OPTIMIZATION OF PROTEIN-SYNTHESIS IN ISOLATED HIGHER-PLANT CHLOROPLASTS - IDENTIFICATION OF PAUSED TRANSLATION INTERMEDIATES

Protein synthesis in isolated, intact pea chloroplasts was optimized and compared to translation within chloroplasts in vivo. Many polypeptides labeled with [35S] methionine in isolated intact chloroplasts did not comigrate with polypeptides which were labeled within chloroplasts in vivo. Antibodies to the large subunit of ribulose-1,5-bisphosate carboxylase-oxygenase (EC 4.1.1.39) immunoprecipitated [35S]-labeled large subunit plus several lower-molecular-mass translation products of isolated chloroplasts. The lower-molecular-mass soluble translation products synthesized in pulse-labeled chloroplasts were converted into full-length large-subunit polypeptides during a subsequent chase period.
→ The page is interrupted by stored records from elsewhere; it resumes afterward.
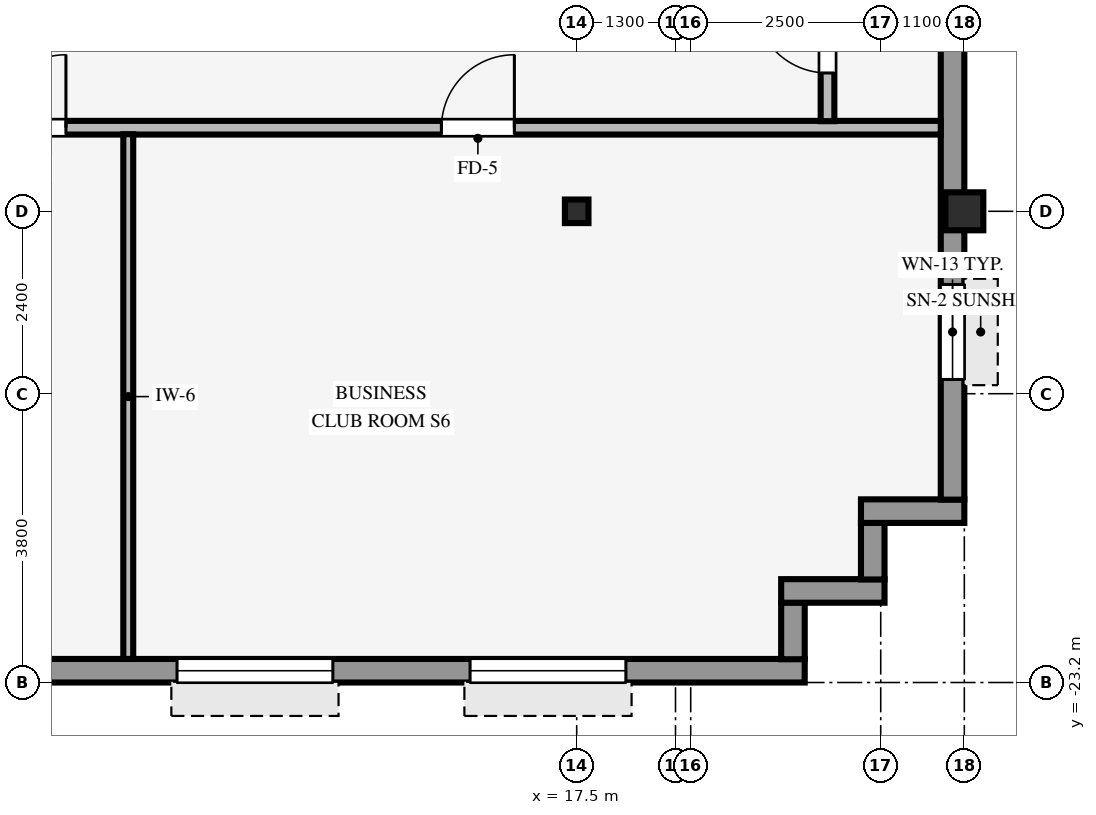
"""IFC4 building model, lengths in metres.
Left out: names, types, materials, properties, quantities, classifications, styles, units other than length and angle.
Written with IfcOpenShell. Run it as: python <this file> out.ifc"""

import sys

from ifc_helpers import new_model, si_unit, direction, frame, frame_2d, origin, origin_2d, place, context, subcontext, project, spatial, rectangle, hollow_rectangle, i_section, extrude, source, transform, mapped, element, fill, save


model = new_model("IFC4")
c1 = context("Model", 3, precision=1e-05, world=origin(), true_north=direction((0.0, 1.0)))
c2 = subcontext(c1, "Body", "Model", "MODEL_VIEW")
j1 = project(units=[si_unit("LENGTHUNIT", "METRE"), si_unit("PLANEANGLEUNIT", "RADIAN")], contexts=[c1])
p1 = place(None, origin())
s1 = spatial("IfcSite", under=j1, at=p1, CompositionType="ELEMENT")
p2 = place(p1, origin())
s2 = spatial("IfcBuilding", under=s1, at=p2, CompositionType="ELEMENT")
p3 = place(p2, frame((0.0, 0.0, 194.55)))
s3 = spatial("IfcBuildingStorey", under=s2, at=p3, CompositionType="ELEMENT", Elevation=194.55)
p4 = place(p3, frame((22.6, -17.0, 0.0), z_axis=(0.0, 0.0, 1.0), x_axis=(1.0, 0.0, 0.0)))
e1 = element("IfcColumn", 1, at=p4, inside=s3, PredefinedType="COLUMN", context=c2, shape_type="SweptSolid", body=[
    extrude(hollow_rectangle(XDim=0.5, YDim=0.5, WallThickness=0.032, InnerFilletRadius=0.032, OuterFilletRadius=0.064, at=origin_2d()), origin(), (0.0, 0.0, 1.0), 3.37),
])
p5 = place(p3, frame((17.5, -17.0, 0.0), z_axis=(0.0, 0.0, 1.0), x_axis=(1.0, 0.0, 0.0)))
e2 = element("IfcColumn", 2, at=p5, inside=s3, PredefinedType="COLUMN", context=c2, shape_type="SweptSolid", body=[
    extrude(i_section(OverallWidth=0.31, OverallDepth=0.31, WebThickness=0.015, FlangeThickness=0.015, FilletRadius=0.015, at=origin_2d()), origin(), (0.0, 0.0, 1.0), 3.37),
])
p6 = place(p3, frame((-24.3, -23.045, 0.0), z_axis=(0.0, 0.0, 1.0), x_axis=(1.0, 0.0, 0.0)))
e3 = element("IfcWall", 3, at=p6, inside=s3, PredefinedType="STANDARD", context=c2, shape_type="SweptSolid", body=[
    extrude(rectangle(XDim=44.8, YDim=0.31, at=frame_2d((22.4, 0.0))), origin(), (0.0, 0.0, 1.0), 2.705),
])
p7 = place(p6, frame((2.353, 0.0, 0.8)))
e4 = element("IfcOpeningElement", 4, at=p7, cuts=e3, PredefinedType="OPENING", context=c2, shape_type="SweptSolid", body=[
    extrude(rectangle(XDim=2.05, YDim=1.52, at=frame_2d((1.025, 0.76))), frame((0.0, 0.165, 0.0), z_axis=(0.0, -1.0, 0.0), x_axis=(1.0, 0.0, 0.0)), (0.0, 0.0, 1.0), 0.33),
])
p8 = place(p6, frame((7.108, 0.0, 0.8)))
e5 = element("IfcOpeningElement", 5, at=p8, cuts=e3, PredefinedType="OPENING", context=c2, shape_type="SweptSolid", body=[
    extrude(rectangle(XDim=2.05, YDim=1.52, at=frame_2d((1.025, 0.76))), frame((0.0, 0.165, 0.0), z_axis=(0.0, -1.0, 0.0), x_axis=(1.0, 0.0, 0.0)), (0.0, 0.0, 1.0), 0.33),
])
p9 = place(p6, frame((16.619, 0.0, 0.8)))
e6 = element("IfcOpeningElement", 6, at=p9, cuts=e3, PredefinedType="OPENING", context=c2, shape_type="SweptSolid", body=[
    extrude(rectangle(XDim=2.05, YDim=1.52, at=frame_2d((1.025, 0.76))), frame((0.0, 0.165, 0.0), z_axis=(0.0, -1.0, 0.0), x_axis=(1.0, 0.0, 0.0)), (0.0, 0.0, 1.0), 0.33),
])
p10 = place(p6, frame((21.375, 0.0, 0.8)))
e7 = element("IfcOpeningElement", 7, at=p10, cuts=e3, PredefinedType="OPENING", context=c2, shape_type="SweptSolid", body=[
    extrude(rectangle(XDim=2.05, YDim=1.52, at=frame_2d((1.025, 0.76))), frame((0.0, 0.165, 0.0), z_axis=(0.0, -1.0, 0.0), x_axis=(1.0, 0.0, 0.0)), (0.0, 0.0, 1.0), 0.33),
])
p11 = place(p6, frame((26.131, 0.0, 0.8)))
e8 = element("IfcOpeningElement", 8, at=p11, cuts=e3, PredefinedType="OPENING", context=c2, shape_type="SweptSolid", body=[
    extrude(rectangle(XDim=2.05, YDim=1.52, at=frame_2d((1.025, 0.76))), frame((0.0, 0.165, 0.0), z_axis=(0.0, -1.0, 0.0), x_axis=(1.0, 0.0, 0.0)), (0.0, 0.0, 1.0), 0.33),
])
p12 = place(p6, frame((30.436, 0.0, 0.8)))
e9 = element("IfcOpeningElement", 9, at=p12, cuts=e3, PredefinedType="OPENING", context=c2, shape_type="SweptSolid", body=[
    extrude(rectangle(XDim=2.05, YDim=1.52, at=frame_2d((1.025, 0.76))), frame((0.0, 0.165, 0.0), z_axis=(0.0, -1.0, 0.0), x_axis=(1.0, 0.0, 0.0)), (0.0, 0.0, 1.0), 0.33),
])
p13 = place(p6, frame((36.542, 0.0, 0.8)))
e10 = element("IfcOpeningElement", 10, at=p13, cuts=e3, PredefinedType="OPENING", context=c2, shape_type="SweptSolid", body=[
    extrude(rectangle(XDim=2.05, YDim=1.52, at=frame_2d((1.025, 0.76))), frame((0.0, 0.165, 0.0), z_axis=(0.0, -1.0, 0.0), x_axis=(1.0, 0.0, 0.0)), (0.0, 0.0, 1.0), 0.33),
])
p14 = place(p6, frame((40.397, 0.0, 0.8)))
e11 = element("IfcOpeningElement", 11, at=p14, cuts=e3, PredefinedType="OPENING", context=c2, shape_type="SweptSolid", body=[
    extrude(rectangle(XDim=2.05, YDim=1.52, at=frame_2d((1.025, 0.76))), frame((0.0, 0.165, 0.0), z_axis=(0.0, -1.0, 0.0), x_axis=(1.0, 0.0, 0.0)), (0.0, 0.0, 1.0), 0.33),
])
p15 = place(p3, frame((20.345, -22.894, 0.0), z_axis=(0.0, 0.0, 1.0), x_axis=(0.0, 1.0, 0.0)))
e12 = element("IfcWall", 12, at=p15, inside=s3, PredefinedType="STANDARD", context=c2, shape_type="SweptSolid", body=[
    extrude(rectangle(XDim=0.748, YDim=0.31, at=frame_2d((0.374, 0.0))), origin(), (0.0, 0.0, 1.0), 3.36),
])
p16 = place(p3, frame((20.19, -21.995, 0.0), z_axis=(0.0, 0.0, 1.0), x_axis=(1.0, 0.0, 0.0)))
e13 = element("IfcWall", 13, at=p16, inside=s3, PredefinedType="STANDARD", context=c2, shape_type="SweptSolid", body=[
    extrude(rectangle(XDim=1.36, YDim=0.31, at=frame_2d((0.68, 0.0))), origin(), (0.0, 0.0, 1.0), 3.36),
])
p17 = place(p3, frame((21.395, -21.844, 0.0), z_axis=(0.0, 0.0, 1.0), x_axis=(0.0, 1.0, 0.0)))
e14 = element("IfcWall", 14, at=p17, inside=s3, PredefinedType="STANDARD", context=c2, shape_type="SweptSolid", body=[
    extrude(rectangle(XDim=0.748, YDim=0.31, at=frame_2d((0.374, 0.0))), origin(), (0.0, 0.0, 1.0), 3.36),
])
p18 = place(p3, frame((21.24, -20.945, 0.0), z_axis=(0.0, 0.0, 1.0), x_axis=(1.0, 0.0, 0.0)))
e15 = element("IfcWall", 15, at=p18, inside=s3, PredefinedType="STANDARD", context=c2, shape_type="SweptSolid", body=[
    extrude(rectangle(XDim=1.36, YDim=0.31, at=frame_2d((0.68, 0.0))), origin(), (0.0, 0.0, 1.0), 3.36),
])
p19 = place(p3, frame((22.445, -20.794, 0.0), z_axis=(0.0, 0.0, 1.0), x_axis=(0.0, 1.0, 0.0)))
e16 = element("IfcWall", 16, at=p19, inside=s3, PredefinedType="STANDARD", context=c2, shape_type="SweptSolid", body=[
    extrude(rectangle(XDim=37.788, YDim=0.31, at=frame_2d((18.894, 0.0))), origin(), (0.0, 0.0, 1.0), 2.705),
])
p20 = place(p19, frame((16.474, 0.0, 0.0), z_axis=(0.0, 0.0, 1.0), x_axis=(-1.0, 0.0, 0.0)))
e17 = element("IfcOpeningElement", 17, at=p20, cuts=e16, PredefinedType="OPENING", context=c2, shape_type="SweptSolid", body=[
    extrude(rectangle(XDim=0.98, YDim=2.15, at=frame_2d((0.49, 1.075))), frame((0.0, 0.165, 0.0), z_axis=(0.0, -1.0, 0.0), x_axis=(1.0, 0.0, 0.0)), (0.0, 0.0, 1.0), 0.33),
])
p21 = place(p19, frame((1.581, 0.0, 0.8)))
e18 = element("IfcOpeningElement", 18, at=p21, cuts=e16, PredefinedType="OPENING", context=c2, shape_type="SweptSolid", body=[
    extrude(rectangle(XDim=1.25, YDim=1.52, at=frame_2d((0.625, 0.76))), frame((0.0, 0.165, 0.0), z_axis=(0.0, -1.0, 0.0), x_axis=(1.0, 0.0, 0.0)), (0.0, 0.0, 1.0), 0.33),
])
p22 = place(p19, frame((8.044, 0.0, 0.8)))
e19 = element("IfcOpeningElement", 19, at=p22, cuts=e16, PredefinedType="OPENING", context=c2, shape_type="SweptSolid", body=[
    extrude(rectangle(XDim=1.25, YDim=1.52, at=frame_2d((0.625, 0.76))), frame((0.0, 0.165, 0.0), z_axis=(0.0, -1.0, 0.0), x_axis=(1.0, 0.0, 0.0)), (0.0, 0.0, 1.0), 0.33),
])
p23 = place(p19, frame((13.156, 0.0, 0.8)))
e20 = element("IfcOpeningElement", 20, at=p23, cuts=e16, PredefinedType="OPENING", context=c2, shape_type="SweptSolid", body=[
    extrude(rectangle(XDim=1.25, YDim=1.52, at=frame_2d((0.625, 0.76))), frame((0.0, 0.165, 0.0), z_axis=(0.0, -1.0, 0.0), x_axis=(1.0, 0.0, 0.0)), (0.0, 0.0, 1.0), 0.33),
])
p24 = place(p19, frame((18.269, 0.0, 0.8)))
e21 = element("IfcOpeningElement", 21, at=p24, cuts=e16, PredefinedType="OPENING", context=c2, shape_type="SweptSolid", body=[
    extrude(rectangle(XDim=1.25, YDim=1.52, at=frame_2d((0.625, 0.76))), frame((0.0, 0.165, 0.0), z_axis=(0.0, -1.0, 0.0), x_axis=(1.0, 0.0, 0.0)), (0.0, 0.0, 1.0), 0.33),
])
p25 = place(p19, frame((22.482, 0.0, 0.8)))
e22 = element("IfcOpeningElement", 22, at=p25, cuts=e16, PredefinedType="OPENING", context=c2, shape_type="SweptSolid", body=[
    extrude(rectangle(XDim=1.25, YDim=1.52, at=frame_2d((0.625, 0.76))), frame((0.0, 0.165, 0.0), z_axis=(0.0, -1.0, 0.0), x_axis=(1.0, 0.0, 0.0)), (0.0, 0.0, 1.0), 0.33),
])
p26 = place(p19, frame((28.044, 0.0, 0.8)))
e23 = element("IfcOpeningElement", 23, at=p26, cuts=e16, PredefinedType="OPENING", context=c2, shape_type="SweptSolid", body=[
    extrude(rectangle(XDim=1.25, YDim=1.52, at=frame_2d((0.625, 0.76))), frame((0.0, 0.165, 0.0), z_axis=(0.0, -1.0, 0.0), x_axis=(1.0, 0.0, 0.0)), (0.0, 0.0, 1.0), 0.33),
])
p27 = place(p19, frame((33.607, 0.0, 0.8)))
e24 = element("IfcOpeningElement", 24, at=p27, cuts=e16, PredefinedType="OPENING", context=c2, shape_type="SweptSolid", body=[
    extrude(rectangle(XDim=1.25, YDim=1.52, at=frame_2d((0.625, 0.76))), frame((0.0, 0.165, 0.0), z_axis=(0.0, -1.0, 0.0), x_axis=(1.0, 0.0, 0.0)), (0.0, 0.0, 1.0), 0.33),
])
p28 = place(p3, frame((-26.09, -15.9, 0.0), z_axis=(0.0, 0.0, 1.0), x_axis=(1.0, 0.0, 0.0)))
e25 = element("IfcWall", 25, at=p28, inside=s3, PredefinedType="PARTITIONING", context=c2, shape_type="SweptSolid", body=[
    extrude(rectangle(XDim=48.38, YDim=0.18, at=frame_2d((24.19, 0.0))), origin(), (0.0, 0.0, 1.0), 3.36),
])
p29 = place(p28, frame((41.81, 0.0, 0.0)))
e26 = element("IfcOpeningElement", 26, at=p29, cuts=e25, PredefinedType="OPENING", context=c2, shape_type="SweptSolid", body=[
    extrude(rectangle(XDim=0.96, YDim=2.1, at=frame_2d((0.48, 1.05))), frame((0.0, 0.1, 0.0), z_axis=(0.0, -1.0, 0.0), x_axis=(1.0, 0.0, 0.0)), (0.0, 0.0, 1.0), 0.2),
])
p30 = place(p28, frame((17.985, 0.0, 0.0)))
e27 = element("IfcOpeningElement", 27, at=p30, cuts=e25, PredefinedType="OPENING", context=c2, shape_type="SweptSolid", body=[
    extrude(rectangle(XDim=0.96, YDim=2.1, at=frame_2d((0.48, 1.05))), frame((0.0, 0.1, 0.0), z_axis=(0.0, -1.0, 0.0), x_axis=(1.0, 0.0, 0.0)), (0.0, 0.0, 1.0), 0.2),
])
p31 = place(p28, frame((26.55, 0.0, 0.0)))
e28 = element("IfcOpeningElement", 28, at=p31, cuts=e25, PredefinedType="OPENING", context=c2, shape_type="SweptSolid", body=[
    extrude(rectangle(XDim=0.96, YDim=2.1, at=frame_2d((0.48, 1.05))), frame((0.0, 0.1, 0.0), z_axis=(0.0, -1.0, 0.0), x_axis=(1.0, 0.0, 0.0)), (0.0, 0.0, 1.0), 0.2),
])
p32 = place(p28, frame((10.935, 0.0, 0.0)))
e29 = element("IfcOpeningElement", 29, at=p32, cuts=e25, PredefinedType="OPENING", context=c2, shape_type="SweptSolid", body=[
    extrude(rectangle(XDim=0.96, YDim=2.1, at=frame_2d((0.48, 1.05))), frame((0.0, 0.1, 0.0), z_axis=(0.0, -1.0, 0.0), x_axis=(1.0, 0.0, 0.0)), (0.0, 0.0, 1.0), 0.2),
])
p33 = place(p28, frame((35.91, 0.0, 0.0)))
e30 = element("IfcOpeningElement", 30, at=p33, cuts=e25, PredefinedType="OPENING", context=c2, shape_type="SweptSolid", body=[
    extrude(rectangle(XDim=0.96, YDim=2.1, at=frame_2d((0.48, 1.05))), frame((0.0, 0.1, 0.0), z_axis=(0.0, -1.0, 0.0), x_axis=(1.0, 0.0, 0.0)), (0.0, 0.0, 1.0), 0.2),
])
p34 = place(p28, frame((2.465, 0.0, 0.0)))
e31 = element("IfcOpeningElement", 31, at=p34, cuts=e25, PredefinedType="OPENING", context=c2, shape_type="SweptSolid", body=[
    extrude(rectangle(XDim=0.96, YDim=2.1, at=frame_2d((0.48, 1.05))), frame((0.0, 0.1, 0.0), z_axis=(0.0, -1.0, 0.0), x_axis=(1.0, 0.0, 0.0)), (0.0, 0.0, 1.0), 0.2),
])
p35 = place(p3, frame((11.6, -22.89, 0.0), z_axis=(0.0, 0.0, 1.0), x_axis=(0.0, 1.0, 0.0)))
e32 = element("IfcWall", 32, at=p35, inside=s3, PredefinedType="PARTITIONING", context=c2, shape_type="SweptSolid", body=[
    extrude(rectangle(XDim=6.904, YDim=0.13, at=frame_2d((3.452, 0.0))), origin(), (0.0, 0.0, 1.0), 3.36),
])
p36 = place(p3, frame((20.8, -15.814, 0.0), z_axis=(0.0, 0.0, 1.0), x_axis=(0.0, 1.0, 0.0)))
e33 = element("IfcWall", 33, at=p36, inside=s3, PredefinedType="PARTITIONING", context=c2, shape_type="SweptSolid", body=[
    extrude(rectangle(XDim=2.228, YDim=0.18, at=frame_2d((1.114, 0.0))), origin(), (0.0, 0.0, 1.0), 3.36),
])
p37 = place(p36, frame((0.634, 0.0, 0.0)))
e34 = element("IfcOpeningElement", 34, at=p37, cuts=e33, PredefinedType="OPENING", context=c2, shape_type="SweptSolid", body=[
    extrude(rectangle(XDim=0.96, YDim=2.1, at=frame_2d((0.48, 1.05))), frame((0.0, 0.1, 0.0), z_axis=(0.0, -1.0, 0.0), x_axis=(1.0, 0.0, 0.0)), (0.0, 0.0, 1.0), 0.2),
])
m1 = source(origin(), c2, "Body", "SweptSolid", [
    extrude(rectangle(XDim=2.05, YDim=1.52, at=frame_2d((1.025, 0.76))), frame((0.0, 0.03, 0.0), z_axis=(0.0, -1.0, 0.0), x_axis=(1.0, 0.0, 0.0)), (0.0, 0.0, 1.0), 0.06),
])
p38 = place(p13, origin())
e35 = element("IfcWindow", 35, at=p38, inside=s3, PartitioningType="SINGLE_PANEL", PredefinedType="WINDOW", context=c2, shape_type="MappedRepresentation", body=[
    mapped(m1, transform((0.0, 0.0, 0.0), scale=1.0)),
])
fill(e10, e35)
p39 = place(p14, origin())
e36 = element("IfcWindow", 36, at=p39, inside=s3, PartitioningType="SINGLE_PANEL", PredefinedType="WINDOW", context=c2, shape_type="MappedRepresentation", body=[
    mapped(m1, transform((0.0, 0.0, 0.0), scale=1.0)),
])
fill(e11, e36)
m2 = source(origin(), c2, "Body", "SweptSolid", [
    extrude(rectangle(XDim=1.25, YDim=1.52, at=frame_2d((0.625, 0.76))), frame((0.0, 0.03, 0.0), z_axis=(0.0, -1.0, 0.0), x_axis=(1.0, 0.0, 0.0)), (0.0, 0.0, 1.0), 0.06),
])
p40 = place(p21, origin())
e37 = element("IfcWindow", 37, at=p40, inside=s3, PartitioningType="SINGLE_PANEL", PredefinedType="WINDOW", context=c2, shape_type="MappedRepresentation", body=[
    mapped(m2, transform((0.0, 0.0, 0.0), scale=1.0)),
])
fill(e18, e37)
m3 = source(origin(), c2, "Body", "SweptSolid", [
    extrude(rectangle(XDim=0.96, YDim=2.1, at=frame_2d((0.48, 1.05))), frame((0.0, 0.025, 0.0), z_axis=(0.0, -1.0, 0.0), x_axis=(1.0, 0.0, 0.0)), (0.0, 0.0, 1.0), 0.05),
])
p41 = place(p29, origin())
e38 = element("IfcDoor", 38, at=p41, inside=s3, OperationType="SINGLE_SWING_RIGHT", PredefinedType="DOOR", context=c2, shape_type="MappedRepresentation", body=[
    mapped(m3, transform((0.0, 0.0, 0.0), scale=1.0)),
])
fill(e26, e38)
p42 = place(p33, origin())
e39 = element("IfcDoor", 39, at=p42, inside=s3, OperationType="SINGLE_SWING_RIGHT", PredefinedType="DOOR", context=c2, shape_type="MappedRepresentation", body=[
    mapped(m3, transform((0.0, 0.0, 0.0), scale=1.0)),
])
fill(e30, e39)
p43 = place(p37, origin())
e40 = element("IfcDoor", 40, at=p43, inside=s3, OperationType="SINGLE_SWING_RIGHT", PredefinedType="DOOR", context=c2, shape_type="MappedRepresentation", body=[
    mapped(m3, transform((0.0, 0.0, 0.0), scale=1.0)),
])
fill(e34, e40)
save(model, sys.argv[1])

This result suggests that many of the polypeptides observed in pulse-labeled chloroplasts are incomplete translation products which are the result of ribosome pausing at discrete points along chloroplast mRNAs. The pulse-chase technique was used to follow synthesis of the 34.5-kDa precursor of the psb A gene product and its processing to the mature 32-kDa polypeptide in isolated chloroplasts. Chloroplast translation profiles obtained using the pulse-chase assay were very similar to translation profiles obtained in vivo thus extending the utility of protein synthesis in isolated chloroplasts.